Chaotic systems and randomness - whiskers
http://tamino.wordpress.com/2011/06/14/chaos/

======
foob
There are major problems with the logic in the article. He's basically trying
to argue that the average of a variable in a chaotic system over some finite
period of time can't drift or change dramatically due to chaos alone. His only
support for this is that it doesn't happen in the simplest possible one
dimensional discrete chaotic system. What about the Lorenz attractor? If you
aren't familiar with it, it basically acts like two well behaved oscillators
that you switch between after some "random" amount of time. If you take a time
average of a space coordinate with the Lorenz attractor you'll see chaotic
swings between periods of relative stability in the two oscillators. As you
make increasingly complicated chaotic systems with more and more variables you
open up the possibility of having all sorts of longer term behavior that would
effect what he calls "climate". He is absolutely wrong about this.

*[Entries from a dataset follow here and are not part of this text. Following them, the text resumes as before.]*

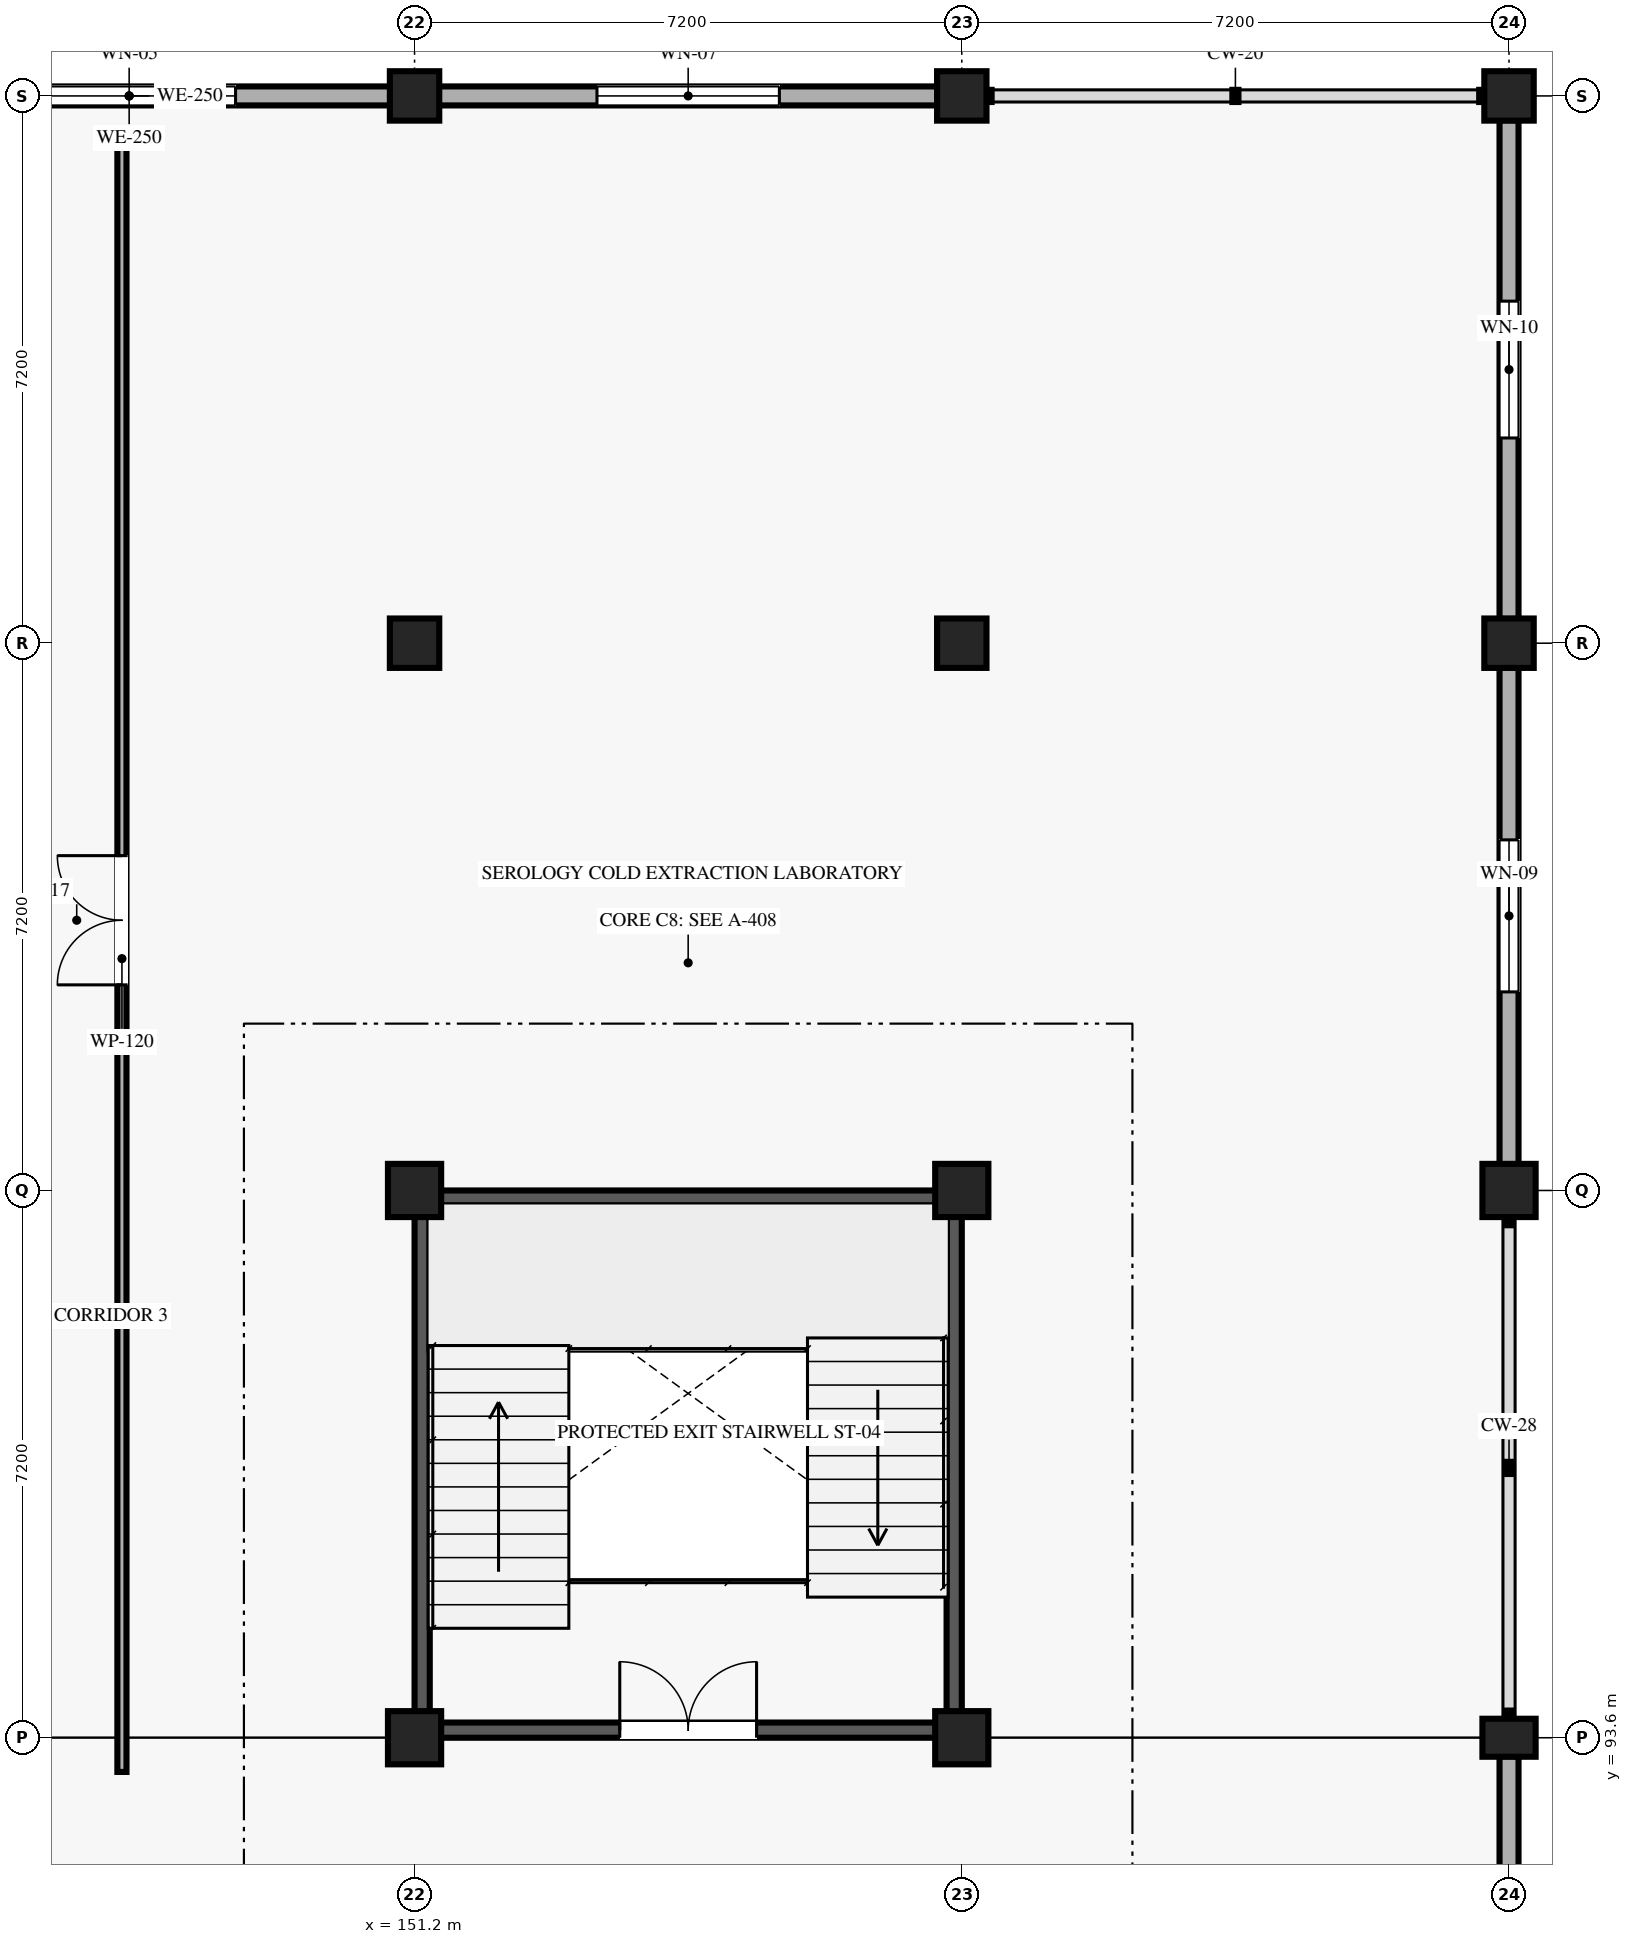
"""IFC4 building model, lengths in metres.
Left out: names, types, materials, properties, quantities, classifications, styles, units other than length and angle.
Written with IfcOpenShell. Run it as: python <this file> out.ifc"""

import sys

from ifc_helpers import new_model, si_unit, direction, frame, frame_2d, origin, origin_2d, place, context, subcontext, project, spatial, rectangle, extrude, element, fill, save


model = new_model("IFC4")
c1 = context("Model", 3, precision=1e-05, world=origin(), true_north=direction((0.0, 1.0)))
c2 = subcontext(c1, "Body", "Model", "MODEL_VIEW")
j1 = project(units=[si_unit("LENGTHUNIT", "METRE"), si_unit("PLANEANGLEUNIT", "RADIAN")], contexts=[c1])
p1 = place(None, origin())
s1 = spatial("IfcSite", under=j1, at=p1, CompositionType="ELEMENT")
p2 = place(p1, origin())
s2 = spatial("IfcBuilding", under=s1, at=p2, CompositionType="ELEMENT")
p3 = place(p2, frame((0.0, 0.0, 13.5)))
s3 = spatial("IfcBuildingStorey", under=s2, at=p3, CompositionType="ELEMENT", Elevation=13.5)
for number, where, z_axis, x_axis in (
    (1, (151.2, 93.6, 0.0), (0.0, 0.0, 1.0), (1.0, 0.0, 0.0)),
    (2, (151.2, 100.8, 0.0), (0.0, 0.0, 1.0), (1.0, 0.0, 0.0)),
):
    element("IfcColumn", number, at=place(p3, frame(where, z_axis=z_axis, x_axis=x_axis)), inside=s3, PredefinedType="COLUMN", context=c2, shape_type="SweptSolid", body=[
        extrude(rectangle(XDim=0.7, YDim=0.7, at=origin_2d()), origin(), (0.0, 0.0, 1.0), 4.05),
    ])
for number, where, z_axis, x_axis in (
    (3, (151.2, 108.0, 0.0), (0.0, 0.0, 1.0), (1.0, 0.0, 0.0)),
    (4, (151.2, 115.2, 0.0), (0.0, 0.0, 1.0), (1.0, 0.0, 0.0)),
):
    element("IfcColumn", number, at=place(p3, frame(where, z_axis=z_axis, x_axis=x_axis)), inside=s3, PredefinedType="COLUMN", context=c2, shape_type="SweptSolid", body=[
        extrude(rectangle(XDim=0.65, YDim=0.65, at=origin_2d()), origin(), (0.0, 0.0, 1.0), 4.05),
    ])
for number, where, z_axis, x_axis in (
    (5, (158.4, 93.6, 0.0), (0.0, 0.0, 1.0), (1.0, 0.0, 0.0)),
    (6, (158.4, 100.8, 0.0), (0.0, 0.0, 1.0), (1.0, 0.0, 0.0)),
):
    element("IfcColumn", number, at=place(p3, frame(where, z_axis=z_axis, x_axis=x_axis)), inside=s3, PredefinedType="COLUMN", context=c2, shape_type="SweptSolid", body=[
        extrude(rectangle(XDim=0.7, YDim=0.7, at=origin_2d()), origin(), (0.0, 0.0, 1.0), 4.05),
    ])
for number, where, z_axis, x_axis in (
    (7, (158.4, 108.0, 0.0), (0.0, 0.0, 1.0), (1.0, 0.0, 0.0)),
    (8, (158.4, 115.2, 0.0), (0.0, 0.0, 1.0), (1.0, 0.0, 0.0)),
):
    element("IfcColumn", number, at=place(p3, frame(where, z_axis=z_axis, x_axis=x_axis)), inside=s3, PredefinedType="COLUMN", context=c2, shape_type="SweptSolid", body=[
        extrude(rectangle(XDim=0.65, YDim=0.65, at=origin_2d()), origin(), (0.0, 0.0, 1.0), 4.05),
    ])
p4 = place(p3, frame((165.6, 93.6, 0.0), z_axis=(0.0, 0.0, 1.0), x_axis=(0.0, 1.0, 0.0)))
e9 = element("IfcColumn", 9, at=p4, inside=s3, PredefinedType="COLUMN", context=c2, shape_type="SweptSolid", body=[
    extrude(rectangle(XDim=0.5, YDim=0.7, at=origin_2d()), origin(), (0.0, 0.0, 1.0), 4.05),
])
p5 = place(p3, frame((165.6, 100.8, 0.0), z_axis=(0.0, 0.0, 1.0), x_axis=(1.0, 0.0, 0.0)))
e10 = element("IfcColumn", 10, at=p5, inside=s3, PredefinedType="COLUMN", context=c2, shape_type="SweptSolid", body=[
    extrude(rectangle(XDim=0.7, YDim=0.7, at=origin_2d()), origin(), (0.0, 0.0, 1.0), 4.05),
])
for number, where, z_axis, x_axis in (
    (11, (165.6, 108.0, 0.0), (0.0, 0.0, 1.0), (1.0, 0.0, 0.0)),
    (12, (165.6, 115.2, 0.0), (0.0, 0.0, 1.0), (1.0, 0.0, 0.0)),
):
    element("IfcColumn", number, at=place(p3, frame(where, z_axis=z_axis, x_axis=x_axis)), inside=s3, PredefinedType="COLUMN", context=c2, shape_type="SweptSolid", body=[
        extrude(rectangle(XDim=0.65, YDim=0.65, at=origin_2d()), origin(), (0.0, 0.0, 1.0), 4.05),
    ])
p6 = place(p3, frame((144.01, 115.2, 0.0), z_axis=(0.0, 0.0, 1.0), x_axis=(1.0, 0.0, 0.0)))
e13 = element("IfcWall", 13, at=p6, inside=s3, PredefinedType="SOLIDWALL", context=c2, shape_type="SweptSolid", body=[
    extrude(rectangle(XDim=6.87, YDim=0.25, at=frame_2d((3.435, 0.0))), origin(), (0.0, 0.0, 1.0), 3.195),
])
p7 = place(p6, frame((2.035, 0.0, 0.85)))
e14 = element("IfcOpeningElement", 14, at=p7, cuts=e13, PredefinedType="OPENING", context=c2, shape_type="SweptSolid", body=[
    extrude(rectangle(XDim=2.8, YDim=1.85, at=frame_2d((1.4, 0.925))), frame((0.0, 0.135, 0.0), z_axis=(0.0, -1.0, 0.0), x_axis=(1.0, 0.0, 0.0)), (0.0, 0.0, 1.0), 0.27),
])
p8 = place(p3, frame((151.52, 115.2, 0.0), z_axis=(0.0, 0.0, 1.0), x_axis=(1.0, 0.0, 0.0)))
e15 = element("IfcWall", 15, at=p8, inside=s3, PredefinedType="SOLIDWALL", context=c2, shape_type="SweptSolid", body=[
    extrude(rectangle(XDim=6.56, YDim=0.25, at=frame_2d((3.28, 0.0))), origin(), (0.0, 0.0, 1.0), 3.195),
])
p9 = place(p8, frame((2.08, 0.0, 0.85)))
e16 = element("IfcOpeningElement", 16, at=p9, cuts=e15, PredefinedType="OPENING", context=c2, shape_type="SweptSolid", body=[
    extrude(rectangle(XDim=2.4, YDim=1.75, at=frame_2d((1.2, 0.875))), frame((0.0, 0.135, 0.0), z_axis=(0.0, -1.0, 0.0), x_axis=(1.0, 0.0, 0.0)), (0.0, 0.0, 1.0), 0.27),
])
p10 = place(p3, frame((165.6, 86.645, 0.0), z_axis=(0.0, 0.0, 1.0), x_axis=(0.0, 1.0, 0.0)))
e17 = element("IfcWall", 17, at=p10, inside=s3, PredefinedType="SOLIDWALL", context=c2, shape_type="SweptSolid", body=[
    extrude(rectangle(XDim=6.71, YDim=0.25, at=frame_2d((3.355, 0.0))), origin(), (0.0, 0.0, 1.0), 3.195),
])
p11 = place(p10, frame((2.155, 0.0, 0.85)))
e18 = element("IfcOpeningElement", 18, at=p11, cuts=e17, PredefinedType="OPENING", context=c2, shape_type="SweptSolid", body=[
    extrude(rectangle(XDim=2.4, YDim=1.75, at=frame_2d((1.2, 0.875))), frame((0.0, 0.135, 0.0), z_axis=(0.0, -1.0, 0.0), x_axis=(1.0, 0.0, 0.0)), (0.0, 0.0, 1.0), 0.27),
])
p12 = place(p3, frame((165.6, 101.145, 0.0), z_axis=(0.0, 0.0, 1.0), x_axis=(0.0, 1.0, 0.0)))
e19 = element("IfcWall", 19, at=p12, inside=s3, PredefinedType="SOLIDWALL", context=c2, shape_type="SweptSolid", body=[
    extrude(rectangle(XDim=6.535, YDim=0.25, at=frame_2d((3.268, 0.0))), origin(), (0.0, 0.0, 1.0), 3.195),
])
p13 = place(p12, frame((2.268, 0.0, 0.85)))
e20 = element("IfcOpeningElement", 20, at=p13, cuts=e19, PredefinedType="OPENING", context=c2, shape_type="SweptSolid", body=[
    extrude(rectangle(XDim=2.0, YDim=1.65, at=frame_2d((1.0, 0.825))), frame((0.0, 0.135, 0.0), z_axis=(0.0, -1.0, 0.0), x_axis=(1.0, 0.0, 0.0)), (0.0, 0.0, 1.0), 0.27),
])
p14 = place(p3, frame((165.6, 108.32, 0.0), z_axis=(0.0, 0.0, 1.0), x_axis=(0.0, 1.0, 0.0)))
e21 = element("IfcWall", 21, at=p14, inside=s3, PredefinedType="SOLIDWALL", context=c2, shape_type="SweptSolid", body=[
    extrude(rectangle(XDim=6.56, YDim=0.25, at=frame_2d((3.28, 0.0))), origin(), (0.0, 0.0, 1.0), 3.195),
])
p15 = place(p14, frame((2.38, 0.0, 0.85)))
e22 = element("IfcOpeningElement", 22, at=p15, cuts=e21, PredefinedType="OPENING", context=c2, shape_type="SweptSolid", body=[
    extrude(rectangle(XDim=1.8, YDim=1.6, at=frame_2d((0.9, 0.8))), frame((0.0, 0.135, 0.0), z_axis=(0.0, -1.0, 0.0), x_axis=(1.0, 0.0, 0.0)), (0.0, 0.0, 1.0), 0.27),
])
p16 = place(p3, frame((151.4, 93.7, 0.0), z_axis=(0.0, 0.0, 1.0), x_axis=(1.0, 0.0, 0.0)))
e23 = element("IfcWall", 23, at=p16, inside=s3, PredefinedType="SHEAR", context=c2, shape_type="SweptSolid", body=[
    extrude(rectangle(XDim=6.8, YDim=0.2, at=frame_2d((3.4, 0.0))), origin(), (0.0, 0.0, 1.0), 3.81),
])
p17 = place(p16, frame((2.5, 0.0, 0.0)))
e24 = element("IfcOpeningElement", 24, at=p17, cuts=e23, PredefinedType="OPENING", context=c2, shape_type="SweptSolid", body=[
    extrude(rectangle(XDim=1.8, YDim=2.2, at=frame_2d((0.9, 1.1))), frame((0.0, 0.11, 0.0), z_axis=(0.0, -1.0, 0.0), x_axis=(1.0, 0.0, 0.0)), (0.0, 0.0, 1.0), 0.22),
])
for number, where, z_axis, x_axis in (
    (25, (151.4, 100.7, 0.0), (0.0, 0.0, 1.0), (1.0, 0.0, 0.0)),
    (26, (151.3, 93.8, 0.0), (0.0, 0.0, 1.0), (0.0, 1.0, 0.0)),
    (27, (158.3, 93.8, 0.0), (0.0, 0.0, 1.0), (0.0, 1.0, 0.0)),
):
    element("IfcWall", number, at=place(p3, frame(where, z_axis=z_axis, x_axis=x_axis)), inside=s3, PredefinedType="SHEAR", context=c2, shape_type="SweptSolid", body=[
        extrude(rectangle(XDim=6.8, YDim=0.2, at=frame_2d((3.4, 0.0))), origin(), (0.0, 0.0, 1.0), 3.81),
    ])
p18 = place(p3, frame((147.35, 93.15, 0.0), z_axis=(0.0, 0.0, 1.0), x_axis=(0.0, 1.0, 0.0)))
e28 = element("IfcWall", 28, at=p18, inside=s3, PredefinedType="PARTITIONING", context=c2, shape_type="SweptSolid", body=[
    extrude(rectangle(XDim=21.4, YDim=0.12, at=frame_2d((10.7, 0.0))), origin(), (0.0, 0.0, 1.0), 3.81),
])
p19 = place(p18, frame((10.355, 0.0, 0.0)))
e29 = element("IfcOpeningElement", 29, at=p19, cuts=e28, PredefinedType="OPENING", context=c2, shape_type="SweptSolid", body=[
    extrude(rectangle(XDim=1.7, YDim=2.2, at=frame_2d((0.85, 1.1))), frame((0.0, 0.07, 0.0), z_axis=(0.0, -1.0, 0.0), x_axis=(1.0, 0.0, 0.0)), (0.0, 0.0, 1.0), 0.14),
])
p20 = place(p7, origin())
e30 = element("IfcWindow", 30, at=p20, inside=s3, PartitioningType="SINGLE_PANEL", PredefinedType="WINDOW", context=c2, shape_type="SweptSolid", body=[
    extrude(rectangle(XDim=2.8, YDim=1.85, at=frame_2d((1.4, 0.925))), frame((0.0, 0.03, 0.0), z_axis=(0.0, -1.0, 0.0), x_axis=(1.0, 0.0, 0.0)), (0.0, 0.0, 1.0), 0.06),
])
fill(e14, e30)
p21 = place(p9, origin())
e31 = element("IfcWindow", 31, at=p21, inside=s3, PartitioningType="SINGLE_PANEL", PredefinedType="WINDOW", context=c2, shape_type="SweptSolid", body=[
    extrude(rectangle(XDim=2.4, YDim=1.75, at=frame_2d((1.2, 0.875))), frame((0.0, 0.03, 0.0), z_axis=(0.0, -1.0, 0.0), x_axis=(1.0, 0.0, 0.0)), (0.0, 0.0, 1.0), 0.06),
])
fill(e16, e31)
p22 = place(p13, origin())
e32 = element("IfcWindow", 32, at=p22, inside=s3, PartitioningType="SINGLE_PANEL", PredefinedType="WINDOW", context=c2, shape_type="SweptSolid", body=[
    extrude(rectangle(XDim=2.0, YDim=1.65, at=frame_2d((1.0, 0.825))), frame((0.0, 0.03, 0.0), z_axis=(0.0, -1.0, 0.0), x_axis=(1.0, 0.0, 0.0)), (0.0, 0.0, 1.0), 0.06),
])
fill(e20, e32)
p23 = place(p15, origin())
e33 = element("IfcWindow", 33, at=p23, inside=s3, PartitioningType="SINGLE_PANEL", PredefinedType="WINDOW", context=c2, shape_type="SweptSolid", body=[
    extrude(rectangle(XDim=1.8, YDim=1.6, at=frame_2d((0.9, 0.8))), frame((0.0, 0.03, 0.0), z_axis=(0.0, -1.0, 0.0), x_axis=(1.0, 0.0, 0.0)), (0.0, 0.0, 1.0), 0.06),
])
fill(e22, e33)
p24 = place(p17, origin())
e34 = element("IfcDoor", 34, at=p24, inside=s3, OperationType="DOUBLE_DOOR_SINGLE_SWING", PredefinedType="DOOR", context=c2, shape_type="SweptSolid", body=[
    extrude(rectangle(XDim=1.8, YDim=2.2, at=frame_2d((0.9, 1.1))), frame((0.0, 0.025, 0.0), z_axis=(0.0, -1.0, 0.0), x_axis=(1.0, 0.0, 0.0)), (0.0, 0.0, 1.0), 0.05),
])
fill(e24, e34)
p25 = place(p19, origin())
e35 = element("IfcDoor", 35, at=p25, inside=s3, OperationType="DOUBLE_DOOR_SINGLE_SWING", PredefinedType="DOOR", context=c2, shape_type="SweptSolid", body=[
    extrude(rectangle(XDim=1.7, YDim=2.2, at=frame_2d((0.85, 1.1))), frame((0.0, 0.025, 0.0), z_axis=(0.0, -1.0, 0.0), x_axis=(1.0, 0.0, 0.0)), (0.0, 0.0, 1.0), 0.05),
])
fill(e29, e35)
save(model, sys.argv[1])

 _When you increase greenhouse gases and therefore inhibit heat loss, you
change the dynamics — the “equations of motion” as it were — and that will
change the climate. In ways that are predictable._ He's wrong here as well.
From bifurcation theory we know that tiny changes in the parameters of a
dynamical system can have huge seemingly unpredictable effects on the
behavior. Subtle differences in models can have huge impacts on where and how
bifurcations occur. We have only various educated guesses that might very well
be dramatically wrong.

By the way, I'm not arguing against climate change. I just think that this
article is terribly wrong.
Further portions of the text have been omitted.